The NCBI executables can be obtained from ftp://ftp.ncbi.nih.gov/blast

Suitable sequence data banks are available from ftp://ftp.ncbi.nih.gov/blast/db/
and ftp://ftp.ebi.ac.uk/pub/databases/uniprot/

********************       IMPORTANT NOTE ON BLAST+       *****************
NCBI are encouraging users to switch over from the classic BLAST package
to the new BLAST+ package.
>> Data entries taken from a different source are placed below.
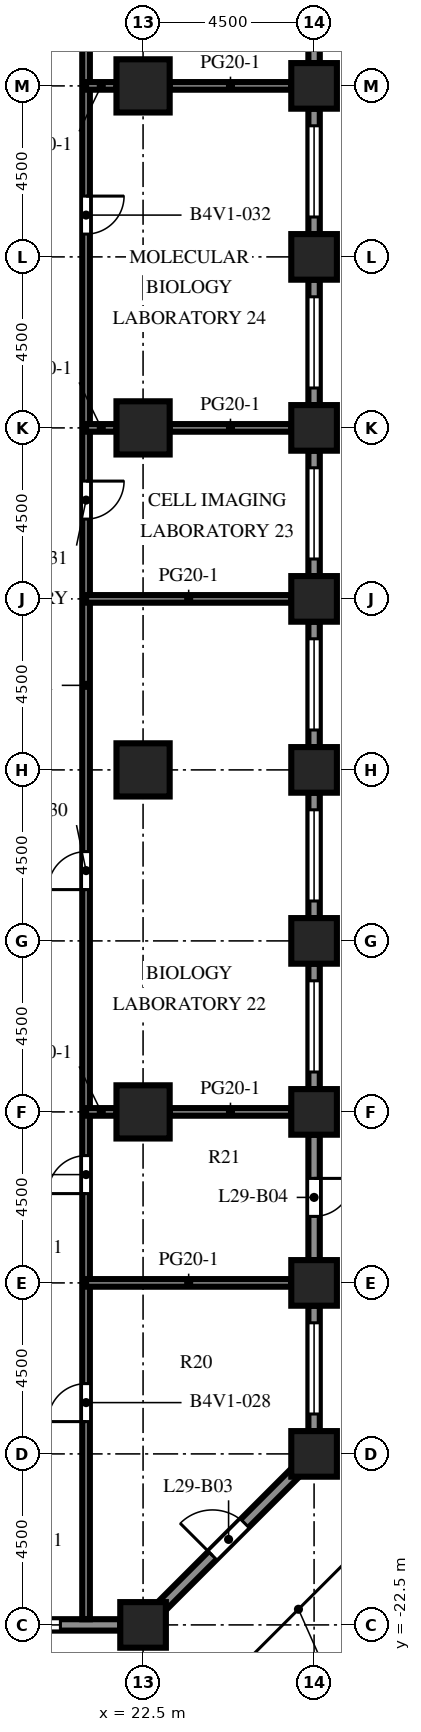
"""IFC4 building model, lengths in metres.
Left out: names, types, materials, properties, quantities, classifications, styles, units other than length and angle.
Written with IfcOpenShell. Run it as: python <this file> out.ifc"""

import sys

from ifc_helpers import new_model, si_unit, direction, frame, frame_2d, origin, origin_2d, place, context, subcontext, project, spatial, rectangle, extrude, element, fill, save


model = new_model("IFC4")
c1 = context("Model", 3, precision=1e-05, world=origin(), true_north=direction((0.0, 1.0)))
c2 = subcontext(c1, "Body", "Model", "MODEL_VIEW")
j1 = project(units=[si_unit("LENGTHUNIT", "METRE"), si_unit("PLANEANGLEUNIT", "RADIAN")], contexts=[c1])
p1 = place(None, origin())
s1 = spatial("IfcSite", under=j1, at=p1, CompositionType="ELEMENT")
p2 = place(p1, origin())
s2 = spatial("IfcBuilding", under=s1, at=p2, CompositionType="ELEMENT")
p3 = place(p2, frame((0.0, 0.0, 129.0)))
s3 = spatial("IfcBuildingStorey", under=s2, at=p3, CompositionType="ELEMENT", Elevation=129.0)
for number, where, z_axis, x_axis in (
    (1, (22.5, -22.5, 0.0), (0.0, 0.0, 1.0), (1.0, 0.0, 0.0)),
    (2, (27.0, -18.0, 0.0), (0.0, 0.0, 1.0), (1.0, 0.0, 0.0)),
    (3, (27.0, -13.5, 0.0), (0.0, 0.0, 1.0), (1.0, 0.0, 0.0)),
    (4, (27.0, -9.0, 0.0), (0.0, 0.0, 1.0), (1.0, 0.0, 0.0)),
    (5, (27.0, -4.5, 0.0), (0.0, 0.0, 1.0), (1.0, 0.0, 0.0)),
    (6, (27.0, 0.0, 0.0), (0.0, 0.0, 1.0), (1.0, 0.0, 0.0)),
    (7, (27.0, 4.5, 0.0), (0.0, 0.0, 1.0), (1.0, 0.0, 0.0)),
    (8, (27.0, 9.0, 0.0), (0.0, 0.0, 1.0), (1.0, 0.0, 0.0)),
    (9, (27.0, 13.5, 0.0), (0.0, 0.0, 1.0), (1.0, 0.0, 0.0)),
    (10, (27.0, 18.0, 0.0), (0.0, 0.0, 1.0), (1.0, 0.0, 0.0)),
):
    element("IfcColumn", number, at=place(p3, frame(where, z_axis=z_axis, x_axis=x_axis)), inside=s3, PredefinedType="COLUMN", context=c2, shape_type="SweptSolid", body=[
        extrude(rectangle(XDim=1.2, YDim=1.2, at=origin_2d()), origin(), (0.0, 0.0, 1.0), 4.1),
    ])
for number, where, z_axis, x_axis in (
    (11, (22.5, -9.0, 0.0), (0.0, 0.0, 1.0), (1.0, 0.0, 0.0)),
    (12, (22.5, 0.0, 0.0), (0.0, 0.0, 1.0), (1.0, 0.0, 0.0)),
    (13, (22.5, 9.0, 0.0), (0.0, 0.0, 1.0), (1.0, 0.0, 0.0)),
    (14, (22.5, 18.0, 0.0), (0.0, 0.0, 1.0), (1.0, 0.0, 0.0)),
):
    element("IfcColumn", number, at=place(p3, frame(where, z_axis=z_axis, x_axis=x_axis)), inside=s3, PredefinedType="COLUMN", context=c2, shape_type="SweptSolid", body=[
        extrude(rectangle(XDim=1.4, YDim=1.4, at=origin_2d()), origin(), (0.0, 0.0, 1.0), 4.1),
    ])
p4 = place(p3, frame((21.9, -22.5, 0.0), z_axis=(0.0, 0.0, 1.0), x_axis=(-1.0, 0.0, 0.0)))
e15 = element("IfcWall", 15, at=p4, inside=s3, PredefinedType="SOLIDWALL", context=c2, shape_type="SweptSolid", body=[
    extrude(rectangle(XDim=3.3, YDim=0.3, at=frame_2d((1.65, 0.0))), origin(), (0.0, 0.0, 1.0), 2.75),
])
p5 = place(p4, frame((1.575, 0.0, 0.8)))
e16 = element("IfcOpeningElement", 16, at=p5, cuts=e15, PredefinedType="OPENING", context=c2, shape_type="SweptSolid", body=[
    extrude(rectangle(XDim=1.2, YDim=1.7, at=frame_2d((0.6, 0.85))), frame((0.0, 0.16, 0.0), z_axis=(0.0, -1.0, 0.0), x_axis=(1.0, 0.0, 0.0)), (0.0, 0.0, 1.0), 0.32),
])
p6 = place(p3, frame((26.506, -18.494, 0.0), z_axis=(0.0, 0.0, 1.0), x_axis=(-0.707106781187, -0.707106781187, 0.0)))
e17 = element("IfcWall", 17, at=p6, inside=s3, PredefinedType="SOLIDWALL", context=c2, shape_type="SweptSolid", body=[
    extrude(rectangle(XDim=4.967, YDim=0.3, at=frame_2d((2.483, 0.0))), origin(), (0.0, 0.0, 1.0), 2.75),
])
p7 = place(p6, frame((1.884, 0.0, 0.0)))
e18 = element("IfcOpeningElement", 18, at=p7, cuts=e17, PredefinedType="OPENING", context=c2, shape_type="SweptSolid", body=[
    extrude(rectangle(XDim=1.2, YDim=2.2, at=frame_2d((0.6, 1.1))), frame((0.0, 0.16, 0.0), z_axis=(0.0, -1.0, 0.0), x_axis=(1.0, 0.0, 0.0)), (0.0, 0.0, 1.0), 0.32),
])
p8 = place(p3, frame((27.0, -14.1, 0.0), z_axis=(0.0, 0.0, 1.0), x_axis=(0.0, -1.0, 0.0)))
e19 = element("IfcWall", 19, at=p8, inside=s3, PredefinedType="SOLIDWALL", context=c2, shape_type="SweptSolid", body=[
    extrude(rectangle(XDim=3.3, YDim=0.3, at=frame_2d((1.65, 0.0))), origin(), (0.0, 0.0, 1.0), 2.75),
])
p9 = place(p8, frame((0.45, 0.0, 0.8)))
e20 = element("IfcOpeningElement", 20, at=p9, cuts=e19, PredefinedType="OPENING", context=c2, shape_type="SweptSolid", body=[
    extrude(rectangle(XDim=2.4, YDim=1.7, at=frame_2d((1.2, 0.85))), frame((0.0, 0.16, 0.0), z_axis=(0.0, -1.0, 0.0), x_axis=(1.0, 0.0, 0.0)), (0.0, 0.0, 1.0), 0.32),
])
p10 = place(p3, frame((27.0, -9.6, 0.0), z_axis=(0.0, 0.0, 1.0), x_axis=(0.0, -1.0, 0.0)))
e21 = element("IfcWall", 21, at=p10, inside=s3, PredefinedType="SOLIDWALL", context=c2, shape_type="SweptSolid", body=[
    extrude(rectangle(XDim=3.3, YDim=0.3, at=frame_2d((1.65, 0.0))), origin(), (0.0, 0.0, 1.0), 2.75),
])
p11 = place(p10, frame((1.15, 0.0, 0.0)))
e22 = element("IfcOpeningElement", 22, at=p11, cuts=e21, PredefinedType="OPENING", context=c2, shape_type="SweptSolid", body=[
    extrude(rectangle(XDim=1.0, YDim=2.2, at=frame_2d((0.5, 1.1))), frame((0.0, 0.16, 0.0), z_axis=(0.0, -1.0, 0.0), x_axis=(1.0, 0.0, 0.0)), (0.0, 0.0, 1.0), 0.32),
])
p12 = place(p3, frame((27.0, -5.1, 0.0), z_axis=(0.0, 0.0, 1.0), x_axis=(0.0, -1.0, 0.0)))
e23 = element("IfcWall", 23, at=p12, inside=s3, PredefinedType="SOLIDWALL", context=c2, shape_type="SweptSolid", body=[
    extrude(rectangle(XDim=3.3, YDim=0.3, at=frame_2d((1.65, 0.0))), origin(), (0.0, 0.0, 1.0), 2.75),
])
p13 = place(p12, frame((0.45, 0.0, 0.8)))
e24 = element("IfcOpeningElement", 24, at=p13, cuts=e23, PredefinedType="OPENING", context=c2, shape_type="SweptSolid", body=[
    extrude(rectangle(XDim=2.4, YDim=1.7, at=frame_2d((1.2, 0.85))), frame((0.0, 0.16, 0.0), z_axis=(0.0, -1.0, 0.0), x_axis=(1.0, 0.0, 0.0)), (0.0, 0.0, 1.0), 0.32),
])
p14 = place(p3, frame((27.0, -0.6, 0.0), z_axis=(0.0, 0.0, 1.0), x_axis=(0.0, -1.0, 0.0)))
e25 = element("IfcWall", 25, at=p14, inside=s3, PredefinedType="SOLIDWALL", context=c2, shape_type="SweptSolid", body=[
    extrude(rectangle(XDim=3.3, YDim=0.3, at=frame_2d((1.65, 0.0))), origin(), (0.0, 0.0, 1.0), 2.75),
])
p15 = place(p14, frame((0.45, 0.0, 0.8)))
e26 = element("IfcOpeningElement", 26, at=p15, cuts=e25, PredefinedType="OPENING", context=c2, shape_type="SweptSolid", body=[
    extrude(rectangle(XDim=2.4, YDim=1.7, at=frame_2d((1.2, 0.85))), frame((0.0, 0.16, 0.0), z_axis=(0.0, -1.0, 0.0), x_axis=(1.0, 0.0, 0.0)), (0.0, 0.0, 1.0), 0.32),
])
p16 = place(p3, frame((27.0, 3.9, 0.0), z_axis=(0.0, 0.0, 1.0), x_axis=(0.0, -1.0, 0.0)))
e27 = element("IfcWall", 27, at=p16, inside=s3, PredefinedType="SOLIDWALL", context=c2, shape_type="SweptSolid", body=[
    extrude(rectangle(XDim=3.3, YDim=0.3, at=frame_2d((1.65, 0.0))), origin(), (0.0, 0.0, 1.0), 2.75),
])
p17 = place(p16, frame((0.45, 0.0, 0.8)))
e28 = element("IfcOpeningElement", 28, at=p17, cuts=e27, PredefinedType="OPENING", context=c2, shape_type="SweptSolid", body=[
    extrude(rectangle(XDim=2.4, YDim=1.7, at=frame_2d((1.2, 0.85))), frame((0.0, 0.16, 0.0), z_axis=(0.0, -1.0, 0.0), x_axis=(1.0, 0.0, 0.0)), (0.0, 0.0, 1.0), 0.32),
])
p18 = place(p3, frame((27.0, 8.4, 0.0), z_axis=(0.0, 0.0, 1.0), x_axis=(0.0, -1.0, 0.0)))
e29 = element("IfcWall", 29, at=p18, inside=s3, PredefinedType="SOLIDWALL", context=c2, shape_type="SweptSolid", body=[
    extrude(rectangle(XDim=3.3, YDim=0.3, at=frame_2d((1.65, 0.0))), origin(), (0.0, 0.0, 1.0), 2.75),
])
p19 = place(p18, frame((0.45, 0.0, 0.8)))
e30 = element("IfcOpeningElement", 30, at=p19, cuts=e29, PredefinedType="OPENING", context=c2, shape_type="SweptSolid", body=[
    extrude(rectangle(XDim=2.4, YDim=1.7, at=frame_2d((1.2, 0.85))), frame((0.0, 0.16, 0.0), z_axis=(0.0, -1.0, 0.0), x_axis=(1.0, 0.0, 0.0)), (0.0, 0.0, 1.0), 0.32),
])
p20 = place(p3, frame((27.0, 12.9, 0.0), z_axis=(0.0, 0.0, 1.0), x_axis=(0.0, -1.0, 0.0)))
e31 = element("IfcWall", 31, at=p20, inside=s3, PredefinedType="SOLIDWALL", context=c2, shape_type="SweptSolid", body=[
    extrude(rectangle(XDim=3.3, YDim=0.3, at=frame_2d((1.65, 0.0))), origin(), (0.0, 0.0, 1.0), 2.75),
])
p21 = place(p20, frame((0.45, 0.0, 0.8)))
e32 = element("IfcOpeningElement", 32, at=p21, cuts=e31, PredefinedType="OPENING", context=c2, shape_type="SweptSolid", body=[
    extrude(rectangle(XDim=2.4, YDim=1.7, at=frame_2d((1.2, 0.85))), frame((0.0, 0.16, 0.0), z_axis=(0.0, -1.0, 0.0), x_axis=(1.0, 0.0, 0.0)), (0.0, 0.0, 1.0), 0.32),
])
p22 = place(p3, frame((27.0, 17.4, 0.0), z_axis=(0.0, 0.0, 1.0), x_axis=(0.0, -1.0, 0.0)))
e33 = element("IfcWall", 33, at=p22, inside=s3, PredefinedType="SOLIDWALL", context=c2, shape_type="SweptSolid", body=[
    extrude(rectangle(XDim=3.3, YDim=0.3, at=frame_2d((1.65, 0.0))), origin(), (0.0, 0.0, 1.0), 2.75),
])
p23 = place(p22, frame((0.45, 0.0, 0.8)))
e34 = element("IfcOpeningElement", 34, at=p23, cuts=e33, PredefinedType="OPENING", context=c2, shape_type="SweptSolid", body=[
    extrude(rectangle(XDim=2.4, YDim=1.7, at=frame_2d((1.2, 0.85))), frame((0.0, 0.16, 0.0), z_axis=(0.0, -1.0, 0.0), x_axis=(1.0, 0.0, 0.0)), (0.0, 0.0, 1.0), 0.32),
])
p24 = place(p3, frame((27.0, 21.9, 0.0), z_axis=(0.0, 0.0, 1.0), x_axis=(0.0, -1.0, 0.0)))
e35 = element("IfcWall", 35, at=p24, inside=s3, PredefinedType="SOLIDWALL", context=c2, shape_type="SweptSolid", body=[
    extrude(rectangle(XDim=3.3, YDim=0.3, at=frame_2d((1.65, 0.0))), origin(), (0.0, 0.0, 1.0), 2.75),
])
p25 = place(p24, frame((1.15, 0.0, 0.0)))
e36 = element("IfcOpeningElement", 36, at=p25, cuts=e35, PredefinedType="OPENING", context=c2, shape_type="SweptSolid", body=[
    extrude(rectangle(XDim=1.0, YDim=2.2, at=frame_2d((0.5, 1.1))), frame((0.0, 0.16, 0.0), z_axis=(0.0, -1.0, 0.0), x_axis=(1.0, 0.0, 0.0)), (0.0, 0.0, 1.0), 0.32),
])
p26 = place(p3, frame((21.0, 31.35, 0.0), z_axis=(0.0, 0.0, 1.0), x_axis=(0.0, -1.0, 0.0)))
e37 = element("IfcWall", 37, at=p26, inside=s3, PredefinedType="PARTITIONING", context=c2, shape_type="SweptSolid", body=[
    extrude(rectangle(XDim=53.7, YDim=0.2, at=frame_2d((26.85, 0.0))), origin(), (0.0, 0.0, 1.0), 3.65),
])
p27 = place(p26, frame((47.5, 0.0, 0.0)))
e38 = element("IfcOpeningElement", 38, at=p27, cuts=e37, PredefinedType="OPENING", context=c2, shape_type="SweptSolid", body=[
    extrude(rectangle(XDim=1.0, YDim=2.1, at=frame_2d((0.5, 1.05))), frame((0.0, 0.11, 0.0), z_axis=(0.0, -1.0, 0.0), x_axis=(1.0, 0.0, 0.0)), (0.0, 0.0, 1.0), 0.22),
])
p28 = place(p26, frame((41.5, 0.0, 0.0)))
e39 = element("IfcOpeningElement", 39, at=p28, cuts=e37, PredefinedType="OPENING", context=c2, shape_type="SweptSolid", body=[
    extrude(rectangle(XDim=1.0, YDim=2.1, at=frame_2d((0.5, 1.05))), frame((0.0, 0.11, 0.0), z_axis=(0.0, -1.0, 0.0), x_axis=(1.0, 0.0, 0.0)), (0.0, 0.0, 1.0), 0.22),
])
p29 = place(p26, frame((33.5, 0.0, 0.0)))
e40 = element("IfcOpeningElement", 40, at=p29, cuts=e37, PredefinedType="OPENING", context=c2, shape_type="SweptSolid", body=[
    extrude(rectangle(XDim=1.0, YDim=2.1, at=frame_2d((0.5, 1.05))), frame((0.0, 0.11, 0.0), z_axis=(0.0, -1.0, 0.0), x_axis=(1.0, 0.0, 0.0)), (0.0, 0.0, 1.0), 0.22),
])
p30 = place(p26, frame((23.75, 0.0, 0.0)))
e41 = element("IfcOpeningElement", 41, at=p30, cuts=e37, PredefinedType="OPENING", context=c2, shape_type="SweptSolid", body=[
    extrude(rectangle(XDim=1.0, YDim=2.1, at=frame_2d((0.5, 1.05))), frame((0.0, 0.11, 0.0), z_axis=(0.0, -1.0, 0.0), x_axis=(1.0, 0.0, 0.0)), (0.0, 0.0, 1.0), 0.22),
])
p31 = place(p26, frame((16.25, 0.0, 0.0)))
e42 = element("IfcOpeningElement", 42, at=p31, cuts=e37, PredefinedType="OPENING", context=c2, shape_type="SweptSolid", body=[
    extrude(rectangle(XDim=1.0, YDim=2.1, at=frame_2d((0.5, 1.05))), frame((0.0, 0.11, 0.0), z_axis=(0.0, -1.0, 0.0), x_axis=(1.0, 0.0, 0.0)), (0.0, 0.0, 1.0), 0.22),
])
p32 = place(p26, frame((11.0, 0.0, 0.0)))
e43 = element("IfcOpeningElement", 43, at=p32, cuts=e37, PredefinedType="OPENING", context=c2, shape_type="SweptSolid", body=[
    extrude(rectangle(XDim=1.0, YDim=2.1, at=frame_2d((0.5, 1.05))), frame((0.0, 0.11, 0.0), z_axis=(0.0, -1.0, 0.0), x_axis=(1.0, 0.0, 0.0)), (0.0, 0.0, 1.0), 0.22),
])
p33 = place(p26, frame((6.75, 0.0, 0.0)))
e44 = element("IfcOpeningElement", 44, at=p33, cuts=e37, PredefinedType="OPENING", context=c2, shape_type="SweptSolid", body=[
    extrude(rectangle(XDim=1.0, YDim=2.1, at=frame_2d((0.5, 1.05))), frame((0.0, 0.11, 0.0), z_axis=(0.0, -1.0, 0.0), x_axis=(1.0, 0.0, 0.0)), (0.0, 0.0, 1.0), 0.22),
])
p34 = place(p26, frame((2.0, 0.0, 0.0)))
e45 = element("IfcOpeningElement", 45, at=p34, cuts=e37, PredefinedType="OPENING", context=c2, shape_type="SweptSolid", body=[
    extrude(rectangle(XDim=1.0, YDim=2.1, at=frame_2d((0.5, 1.05))), frame((0.0, 0.11, 0.0), z_axis=(0.0, -1.0, 0.0), x_axis=(1.0, 0.0, 0.0)), (0.0, 0.0, 1.0), 0.22),
])
p35 = place(p3, frame((21.0, -13.5, 0.0), z_axis=(0.0, 0.0, 1.0), x_axis=(1.0, 0.0, 0.0)))
e46 = element("IfcWall", 46, at=p35, inside=s3, PredefinedType="PARTITIONING", context=c2, shape_type="SweptSolid", body=[
    extrude(rectangle(XDim=5.4, YDim=0.2, at=frame_2d((2.7, 0.0))), origin(), (0.0, 0.0, 1.0), 3.65),
])
p36 = place(p3, frame((21.0, -9.0, 0.0), z_axis=(0.0, 0.0, 1.0), x_axis=(1.0, 0.0, 0.0)))
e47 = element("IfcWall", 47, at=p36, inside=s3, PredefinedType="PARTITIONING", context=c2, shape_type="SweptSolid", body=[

On the one hand this is a cleaner and nicer
version of BLAST, but on the other hand, it omits some useful features.
In particular, BLAST+ no longer offers the facility to extract more precise
PSSM scores from checkpoint files in a "supported" way (i.e. using the
makemat utility for this purpose).

Eventually, we will probably switch over to BLAST+ as the preferred way of
searching for similar sequences, but for the time being no interface to
BLAST+ is provided.
***************************************************************************

The Perl script also expects to find the directories bin/, data/ and dso_lib/ at the same path.
If you need to move these directories somewhere else, please change the values of the variables
with the new full paths

my $EXE_DIR = abs_path(join '/', dirname($0), "bin"); # the path of the bin directory
my $DATA_DIR = abs_path(join '/', dirname($0),"data"); # the path of the data directory
$ENV{DSO_LIB_PATH} = join '', abs_path("./dso_lib"), '/'; # the path of the library directory used by the nearest neighbour classifier

Running DISOPRED3
=================

The script "run_disopred.pl" requires as input a text file containing one
amino acid sequence for which predictions are sought. A few parameters can
be tuned from inside the script, including the PSI-BLAST search options and
the DISOPRED2 SVM specificity level. During the execution, a number of
temporary files will be generated (e.g. PSI-BLAST output files, the PSSM file,
the intermediate disordered residue prediction files, the input file to
svm-predict), which are identified by concatenating the input file name, the
process id of the Perl job and the numeric identifier for the host. These
files are removed after the final output has been generated in the same
directory as the input.

Here is the output of a successful DISOPRED run for the file examples/example.fasta:

./run_disopred.pl examples/example.fasta

Running PSI-BLAST search ...

Generating PSSM ...

Predicting disorder with DISOPRED2 ...

Running neural network classifier ...

Running nearest neighbour classifier ...

Combining disordered residue predictions ...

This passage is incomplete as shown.